Thorsten, a nice guy from Germany tries my courgette bake, lamb chops and mint sauce.

It seems romance is in the air for my young friends Thorsten and Immi as Thorsten Feldmann is currently over in the UK (from Germany) to spend time with his English girlfriend Immi. I took the opportunity to invite them over to my house for lunch. We met outside the Theatre Royal and travelled to Ruddington on the upper deck of the Number 10 bus. Apparently the view out of the top level front window makes passengers who are drivers think they are going to crash! Also the very polite Thorsten was most surprised that we English say "Thank you" and "Cheers!" to the bus driver when getting off the bus. On the journey Thorsten said that he has already tried Scotch Eggs and Mushy Peas but not together – and he seemed up keen to try out another British food item – mint sauce. I organised the pouring rain so that Thorsten could experience real English weather.
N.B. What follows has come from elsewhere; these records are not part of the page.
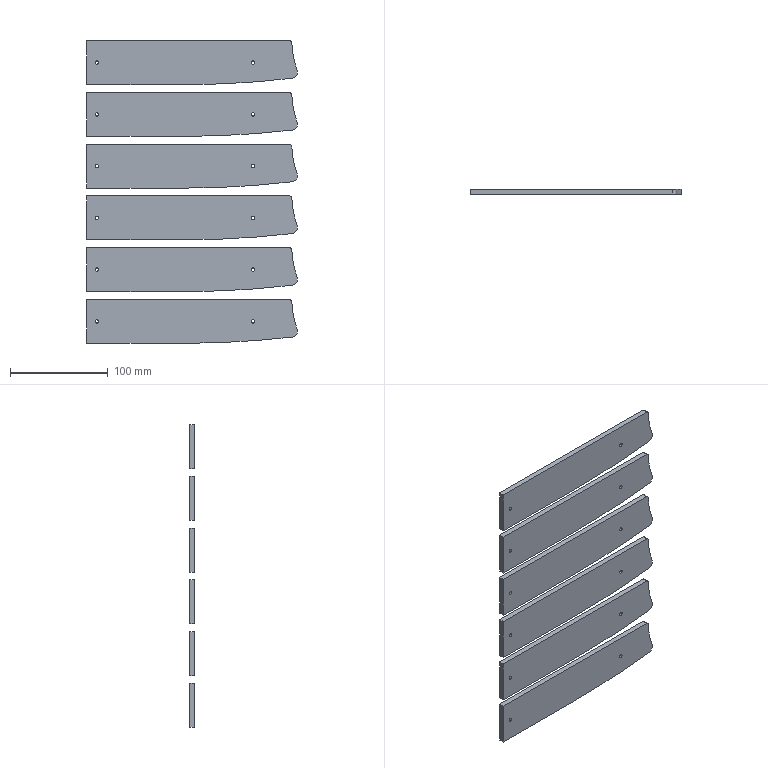CAM job | Mastercam | mm | 4 operations | part box 215.94 x 5 x 310
1. Contour (Ramp) | 3 - 3 平铣刀
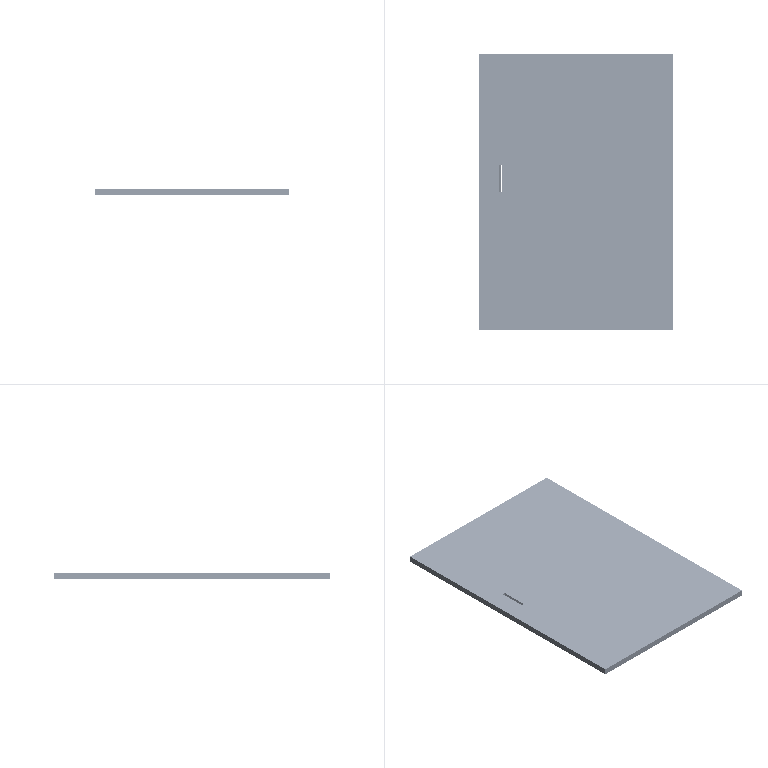2. Contour (2D chamfer) | 7 - 4 倒角刀
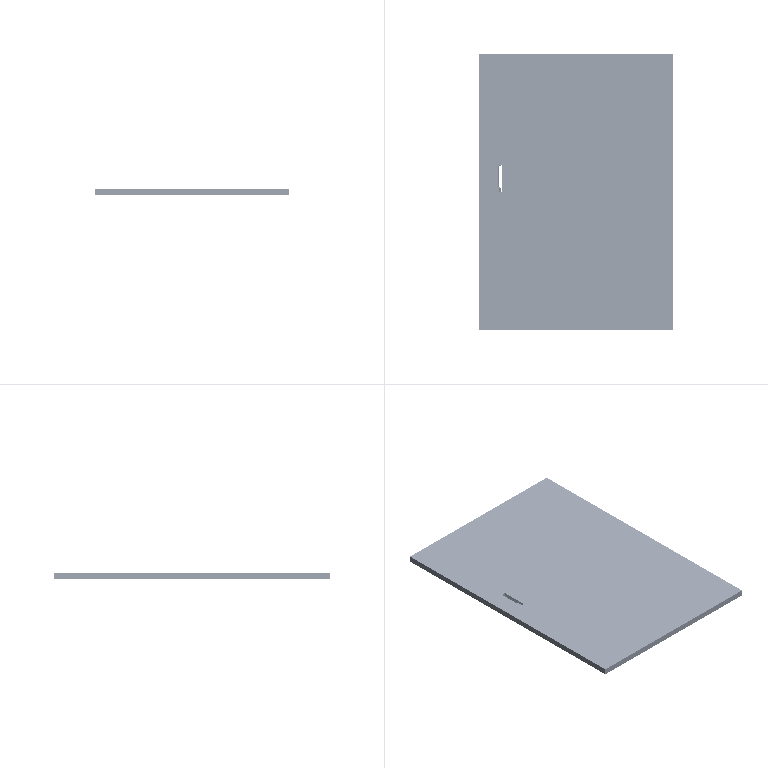3. Drill/Counterbore | 7 - 4 倒角刀
4. Contour (Ramp) | 2 - 2 平铣刀

So as these nice social events rarely occur I put together a special courgette bake or tian. Essentially one buys a silly amount of courgettes (I.5 + kg), slices them thinly and painstakingly fries them in olive oil so they turn a light shade of brown. Years ago, when I first tried making this dish from Dorling Kindersely's super book about French Country Cooking -Anne Willan's Look & Cook French Country Cooking – I used to over cook the courgettes. The tian is just one of over forty recipes from the book which includes tapenade, terrines, meat and fish courses, vegetables au gratin, fruit tarts and ices. Nowadays I don't think the courgettes need to be such a crisp golden brown colour. They tend to taste burnt and soak up too much olive oil in the cooking.





The cooking process can't be hurried and frying pan after frying pan of courgette frying does take time. However, from a practical sense and, to hurry up the process a little, I discovered that using my wok to par fry a couple of handfuls of courgette slices whilst the main frying pan's worth cooked away, did speed things up. Being aware that the cooked courgettes would need to be chopped finely, I left them to cool in a colander. After all the courgettes had been cooked I quickly fried off a chopped cooking onion and two garlic bulbs and added them to the courgettes.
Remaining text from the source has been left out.